Managing Market Liquidity

Managing Market Liquidity


From 26th March 2019, Mint Street will be operating through both currency and money market instruments, with a newly emerged tool known as SWAP AUCTION which is the first of its kind.


  1. Apart from filling cash into the banking system, this will have multiple layered effects.
  2. Lower the cost of currency/interest rate risk covers would provide a way of getting foreign capital and also rationalize bond yields which would otherwise be in sync with monetary policy activities.
  3. RBI would be infusing USD 5 billion or Rs. 35,000 crores through this Swap program, instead of purchasing bonds and this would affect their yields otherwise.
  4. It is expected that this move would help when the financial year-end is fast approaching when banks are running short of money.

Expected Results:

  • It is felt that it is a novel tool which is expected to bring both forex and currency markets in sync.
  • If all operational channels are in alignment, this should become an effect way of managing market liquidity.

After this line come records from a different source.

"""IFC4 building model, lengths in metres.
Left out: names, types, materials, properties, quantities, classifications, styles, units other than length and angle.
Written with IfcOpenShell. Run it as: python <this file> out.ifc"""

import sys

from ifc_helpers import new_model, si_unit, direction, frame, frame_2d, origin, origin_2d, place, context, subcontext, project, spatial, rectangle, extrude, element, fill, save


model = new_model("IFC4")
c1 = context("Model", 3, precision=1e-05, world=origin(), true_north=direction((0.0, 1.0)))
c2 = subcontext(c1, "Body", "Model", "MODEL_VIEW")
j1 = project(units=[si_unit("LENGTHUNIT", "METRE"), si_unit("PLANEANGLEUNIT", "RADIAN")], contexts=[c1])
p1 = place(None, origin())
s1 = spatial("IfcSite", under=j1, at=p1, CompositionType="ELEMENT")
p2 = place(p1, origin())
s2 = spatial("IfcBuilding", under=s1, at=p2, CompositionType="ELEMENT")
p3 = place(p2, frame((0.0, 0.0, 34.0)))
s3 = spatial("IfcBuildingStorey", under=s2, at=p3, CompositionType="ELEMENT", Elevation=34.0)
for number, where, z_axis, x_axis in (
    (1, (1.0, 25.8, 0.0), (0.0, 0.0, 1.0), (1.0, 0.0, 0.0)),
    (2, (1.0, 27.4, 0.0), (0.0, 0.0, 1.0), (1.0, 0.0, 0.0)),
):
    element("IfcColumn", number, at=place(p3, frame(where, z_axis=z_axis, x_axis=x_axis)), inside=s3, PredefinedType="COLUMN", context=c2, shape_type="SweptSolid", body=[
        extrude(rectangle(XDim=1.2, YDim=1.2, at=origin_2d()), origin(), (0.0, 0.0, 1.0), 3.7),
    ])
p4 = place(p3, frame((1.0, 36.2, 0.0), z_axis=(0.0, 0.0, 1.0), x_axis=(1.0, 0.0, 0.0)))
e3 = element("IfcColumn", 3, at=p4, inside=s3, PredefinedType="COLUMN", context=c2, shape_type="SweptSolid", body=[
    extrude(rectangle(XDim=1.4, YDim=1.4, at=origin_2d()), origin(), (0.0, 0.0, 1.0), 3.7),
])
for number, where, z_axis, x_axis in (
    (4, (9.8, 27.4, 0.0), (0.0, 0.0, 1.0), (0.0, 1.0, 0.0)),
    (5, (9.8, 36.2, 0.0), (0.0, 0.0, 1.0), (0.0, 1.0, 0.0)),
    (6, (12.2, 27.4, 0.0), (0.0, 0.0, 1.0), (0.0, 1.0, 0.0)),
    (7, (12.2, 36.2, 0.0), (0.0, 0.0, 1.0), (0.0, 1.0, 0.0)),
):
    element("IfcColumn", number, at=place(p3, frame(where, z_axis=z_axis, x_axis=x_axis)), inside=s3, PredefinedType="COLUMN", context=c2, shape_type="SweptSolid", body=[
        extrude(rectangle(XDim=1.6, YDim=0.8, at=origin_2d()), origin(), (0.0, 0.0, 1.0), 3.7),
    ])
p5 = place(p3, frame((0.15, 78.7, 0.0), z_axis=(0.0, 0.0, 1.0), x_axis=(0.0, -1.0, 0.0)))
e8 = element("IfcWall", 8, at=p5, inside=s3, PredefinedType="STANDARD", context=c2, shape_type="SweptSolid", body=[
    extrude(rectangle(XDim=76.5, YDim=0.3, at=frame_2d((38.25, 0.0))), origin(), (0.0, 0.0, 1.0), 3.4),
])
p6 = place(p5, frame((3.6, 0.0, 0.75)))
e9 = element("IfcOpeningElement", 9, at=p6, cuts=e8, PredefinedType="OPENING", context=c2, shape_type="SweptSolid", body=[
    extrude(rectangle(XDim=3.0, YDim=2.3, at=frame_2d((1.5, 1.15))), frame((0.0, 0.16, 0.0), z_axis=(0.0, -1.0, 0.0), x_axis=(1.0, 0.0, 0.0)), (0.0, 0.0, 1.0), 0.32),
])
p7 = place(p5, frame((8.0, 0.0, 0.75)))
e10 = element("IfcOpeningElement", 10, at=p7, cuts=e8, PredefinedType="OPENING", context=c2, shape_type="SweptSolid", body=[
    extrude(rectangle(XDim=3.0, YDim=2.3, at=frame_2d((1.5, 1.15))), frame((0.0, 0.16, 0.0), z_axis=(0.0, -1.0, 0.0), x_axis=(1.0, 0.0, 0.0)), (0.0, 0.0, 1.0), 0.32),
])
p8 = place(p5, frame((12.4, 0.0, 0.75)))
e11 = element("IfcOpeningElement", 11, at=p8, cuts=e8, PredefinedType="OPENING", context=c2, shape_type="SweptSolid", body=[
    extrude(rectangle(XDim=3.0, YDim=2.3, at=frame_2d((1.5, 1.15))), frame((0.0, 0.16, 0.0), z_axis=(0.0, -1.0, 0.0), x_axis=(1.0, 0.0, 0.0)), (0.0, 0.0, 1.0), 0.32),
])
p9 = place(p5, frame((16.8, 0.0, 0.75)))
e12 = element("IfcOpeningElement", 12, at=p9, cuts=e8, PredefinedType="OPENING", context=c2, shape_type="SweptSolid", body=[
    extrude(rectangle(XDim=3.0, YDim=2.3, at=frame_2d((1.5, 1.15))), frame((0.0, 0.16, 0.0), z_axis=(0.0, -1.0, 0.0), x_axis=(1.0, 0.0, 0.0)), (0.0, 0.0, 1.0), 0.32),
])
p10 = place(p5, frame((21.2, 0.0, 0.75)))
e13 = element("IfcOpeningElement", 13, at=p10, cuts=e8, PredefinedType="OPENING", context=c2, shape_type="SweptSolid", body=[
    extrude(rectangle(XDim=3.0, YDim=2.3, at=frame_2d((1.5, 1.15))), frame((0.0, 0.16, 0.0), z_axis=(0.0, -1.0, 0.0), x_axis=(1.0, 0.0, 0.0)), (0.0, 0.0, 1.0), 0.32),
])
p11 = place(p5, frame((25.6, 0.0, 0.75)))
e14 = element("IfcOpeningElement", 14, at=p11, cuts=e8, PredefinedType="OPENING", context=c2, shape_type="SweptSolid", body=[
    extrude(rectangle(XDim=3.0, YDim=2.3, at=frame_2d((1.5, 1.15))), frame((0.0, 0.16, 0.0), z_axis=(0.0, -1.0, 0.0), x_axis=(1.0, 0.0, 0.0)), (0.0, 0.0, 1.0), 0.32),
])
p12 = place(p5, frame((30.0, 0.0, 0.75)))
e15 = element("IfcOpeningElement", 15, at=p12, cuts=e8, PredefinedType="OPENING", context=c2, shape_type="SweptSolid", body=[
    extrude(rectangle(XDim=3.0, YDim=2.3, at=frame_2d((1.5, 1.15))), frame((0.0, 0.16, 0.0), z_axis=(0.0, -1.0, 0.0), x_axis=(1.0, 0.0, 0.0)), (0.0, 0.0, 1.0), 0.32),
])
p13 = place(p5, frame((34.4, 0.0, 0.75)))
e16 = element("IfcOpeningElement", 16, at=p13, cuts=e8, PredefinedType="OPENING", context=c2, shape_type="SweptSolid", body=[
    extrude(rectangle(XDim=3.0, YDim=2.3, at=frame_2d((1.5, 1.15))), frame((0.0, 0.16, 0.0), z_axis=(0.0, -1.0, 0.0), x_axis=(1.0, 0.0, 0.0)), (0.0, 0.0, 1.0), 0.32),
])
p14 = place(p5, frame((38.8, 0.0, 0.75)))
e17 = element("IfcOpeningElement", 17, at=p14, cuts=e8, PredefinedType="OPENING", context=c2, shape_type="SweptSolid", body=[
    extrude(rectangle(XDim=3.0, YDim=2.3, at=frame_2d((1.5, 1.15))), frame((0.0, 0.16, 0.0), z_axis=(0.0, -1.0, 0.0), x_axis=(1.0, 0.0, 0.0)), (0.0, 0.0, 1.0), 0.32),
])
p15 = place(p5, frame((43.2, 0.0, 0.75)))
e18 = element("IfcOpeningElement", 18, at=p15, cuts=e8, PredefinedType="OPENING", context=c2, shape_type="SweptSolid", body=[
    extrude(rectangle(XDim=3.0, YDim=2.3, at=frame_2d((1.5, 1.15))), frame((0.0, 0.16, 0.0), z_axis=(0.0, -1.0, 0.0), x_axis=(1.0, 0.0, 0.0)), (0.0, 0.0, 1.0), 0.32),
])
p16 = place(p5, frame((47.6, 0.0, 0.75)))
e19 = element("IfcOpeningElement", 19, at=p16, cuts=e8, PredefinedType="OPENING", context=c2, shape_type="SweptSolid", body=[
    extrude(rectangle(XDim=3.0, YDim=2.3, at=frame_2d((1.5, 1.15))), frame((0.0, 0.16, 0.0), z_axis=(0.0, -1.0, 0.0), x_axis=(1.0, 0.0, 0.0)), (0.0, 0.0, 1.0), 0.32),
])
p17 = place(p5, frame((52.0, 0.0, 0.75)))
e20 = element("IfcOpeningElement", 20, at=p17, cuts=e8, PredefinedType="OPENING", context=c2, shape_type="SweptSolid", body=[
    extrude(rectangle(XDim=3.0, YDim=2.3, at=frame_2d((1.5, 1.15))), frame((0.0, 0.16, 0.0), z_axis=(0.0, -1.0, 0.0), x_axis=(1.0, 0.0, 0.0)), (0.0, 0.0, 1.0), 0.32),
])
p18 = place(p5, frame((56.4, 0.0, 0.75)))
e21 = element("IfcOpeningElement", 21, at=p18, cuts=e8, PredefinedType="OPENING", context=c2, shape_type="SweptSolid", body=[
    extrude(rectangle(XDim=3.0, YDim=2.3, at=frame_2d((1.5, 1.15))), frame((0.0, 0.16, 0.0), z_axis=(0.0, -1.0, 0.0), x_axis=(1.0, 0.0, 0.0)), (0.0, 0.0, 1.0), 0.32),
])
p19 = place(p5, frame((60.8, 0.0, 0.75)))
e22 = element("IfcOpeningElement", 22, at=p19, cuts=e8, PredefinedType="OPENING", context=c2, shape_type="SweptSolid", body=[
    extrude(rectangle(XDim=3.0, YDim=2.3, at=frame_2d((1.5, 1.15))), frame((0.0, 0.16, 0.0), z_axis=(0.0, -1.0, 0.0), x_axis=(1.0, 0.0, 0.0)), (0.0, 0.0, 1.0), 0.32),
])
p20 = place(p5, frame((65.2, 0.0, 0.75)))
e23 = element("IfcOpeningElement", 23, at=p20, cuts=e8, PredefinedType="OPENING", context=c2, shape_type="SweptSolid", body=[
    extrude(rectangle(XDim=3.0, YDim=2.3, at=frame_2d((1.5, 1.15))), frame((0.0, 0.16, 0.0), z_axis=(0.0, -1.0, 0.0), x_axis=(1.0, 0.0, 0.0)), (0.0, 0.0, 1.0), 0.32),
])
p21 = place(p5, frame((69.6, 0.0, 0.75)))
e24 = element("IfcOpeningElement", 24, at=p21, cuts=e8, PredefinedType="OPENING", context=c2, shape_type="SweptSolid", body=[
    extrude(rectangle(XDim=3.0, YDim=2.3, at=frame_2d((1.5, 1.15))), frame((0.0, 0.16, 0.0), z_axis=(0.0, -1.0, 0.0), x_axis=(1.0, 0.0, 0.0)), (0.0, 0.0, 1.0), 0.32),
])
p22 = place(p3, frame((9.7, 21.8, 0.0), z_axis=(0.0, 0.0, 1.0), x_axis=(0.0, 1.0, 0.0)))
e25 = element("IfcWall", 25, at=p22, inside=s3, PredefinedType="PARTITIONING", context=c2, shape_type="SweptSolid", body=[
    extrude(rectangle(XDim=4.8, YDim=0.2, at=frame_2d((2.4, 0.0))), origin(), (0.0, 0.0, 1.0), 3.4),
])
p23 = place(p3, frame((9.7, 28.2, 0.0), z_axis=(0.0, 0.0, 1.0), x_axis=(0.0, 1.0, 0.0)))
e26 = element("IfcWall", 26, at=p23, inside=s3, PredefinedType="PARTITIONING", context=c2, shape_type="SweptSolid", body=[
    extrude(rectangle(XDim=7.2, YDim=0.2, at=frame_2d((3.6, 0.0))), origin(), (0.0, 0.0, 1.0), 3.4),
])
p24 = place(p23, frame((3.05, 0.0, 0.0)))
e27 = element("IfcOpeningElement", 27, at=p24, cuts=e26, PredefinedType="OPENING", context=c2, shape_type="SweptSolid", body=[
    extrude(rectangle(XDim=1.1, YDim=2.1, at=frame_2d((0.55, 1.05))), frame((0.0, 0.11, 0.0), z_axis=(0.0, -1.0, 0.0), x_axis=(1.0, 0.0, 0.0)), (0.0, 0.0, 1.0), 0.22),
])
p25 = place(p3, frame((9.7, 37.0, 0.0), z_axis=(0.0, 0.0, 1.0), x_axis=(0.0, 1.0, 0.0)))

The new swap system will work as under:

  • RBI will buy dollars instead of bonds from the banks
  • Dollars will emanate from the bank either for their own positions or for their clients
  • Bidding position for the proposed auctions would be around 15 BPS less than the current market rate (Mumbai Interbank forward offer rate)
  • Banks are expected to bid at rates lower than those implied by current market rates.
  • This in turn will make Indian Rupee costlier than the current three-year funding rates.
  • Lower MIFOR means, hedging costs would come down which in turn would make investments in Corporate bonds more attractive.


  • MIFOR is the cost of hedging dollar payables, which is priced over and above the spot exchange rate.
  • The interest rate differential between India and US which his prevalent now influences the benchmark device.
  • Such MIFOR rate of 3-year maturity is now at about 4.21% annualized and the 12-month MIFOR rate dipped about 44 bps when RBI announced the auction.
  • Foreign investors looking at fully hedged returns would be encouraged while investing in India.
  • The cost of one-year money for any US-based overseas investor who bets on India is now about 6.20% which includes hedging costs.
  • India offers 7.71% average yield for one year, top-rated corporate bonds and thus there is a healthy rate differential of 151 basis points.
  • Also, Forward premium has fallen after RBI swap announcement.
  • One more fact is that when rupee is trending stronger against dollar, swap auction which his multi-faceted, is said to be a perfect measure, suiting the current requirement.


  • Dealers feel that RBI’s present move is in line with its easy monetary policy stand and has resulted in a better transmission to the real economy.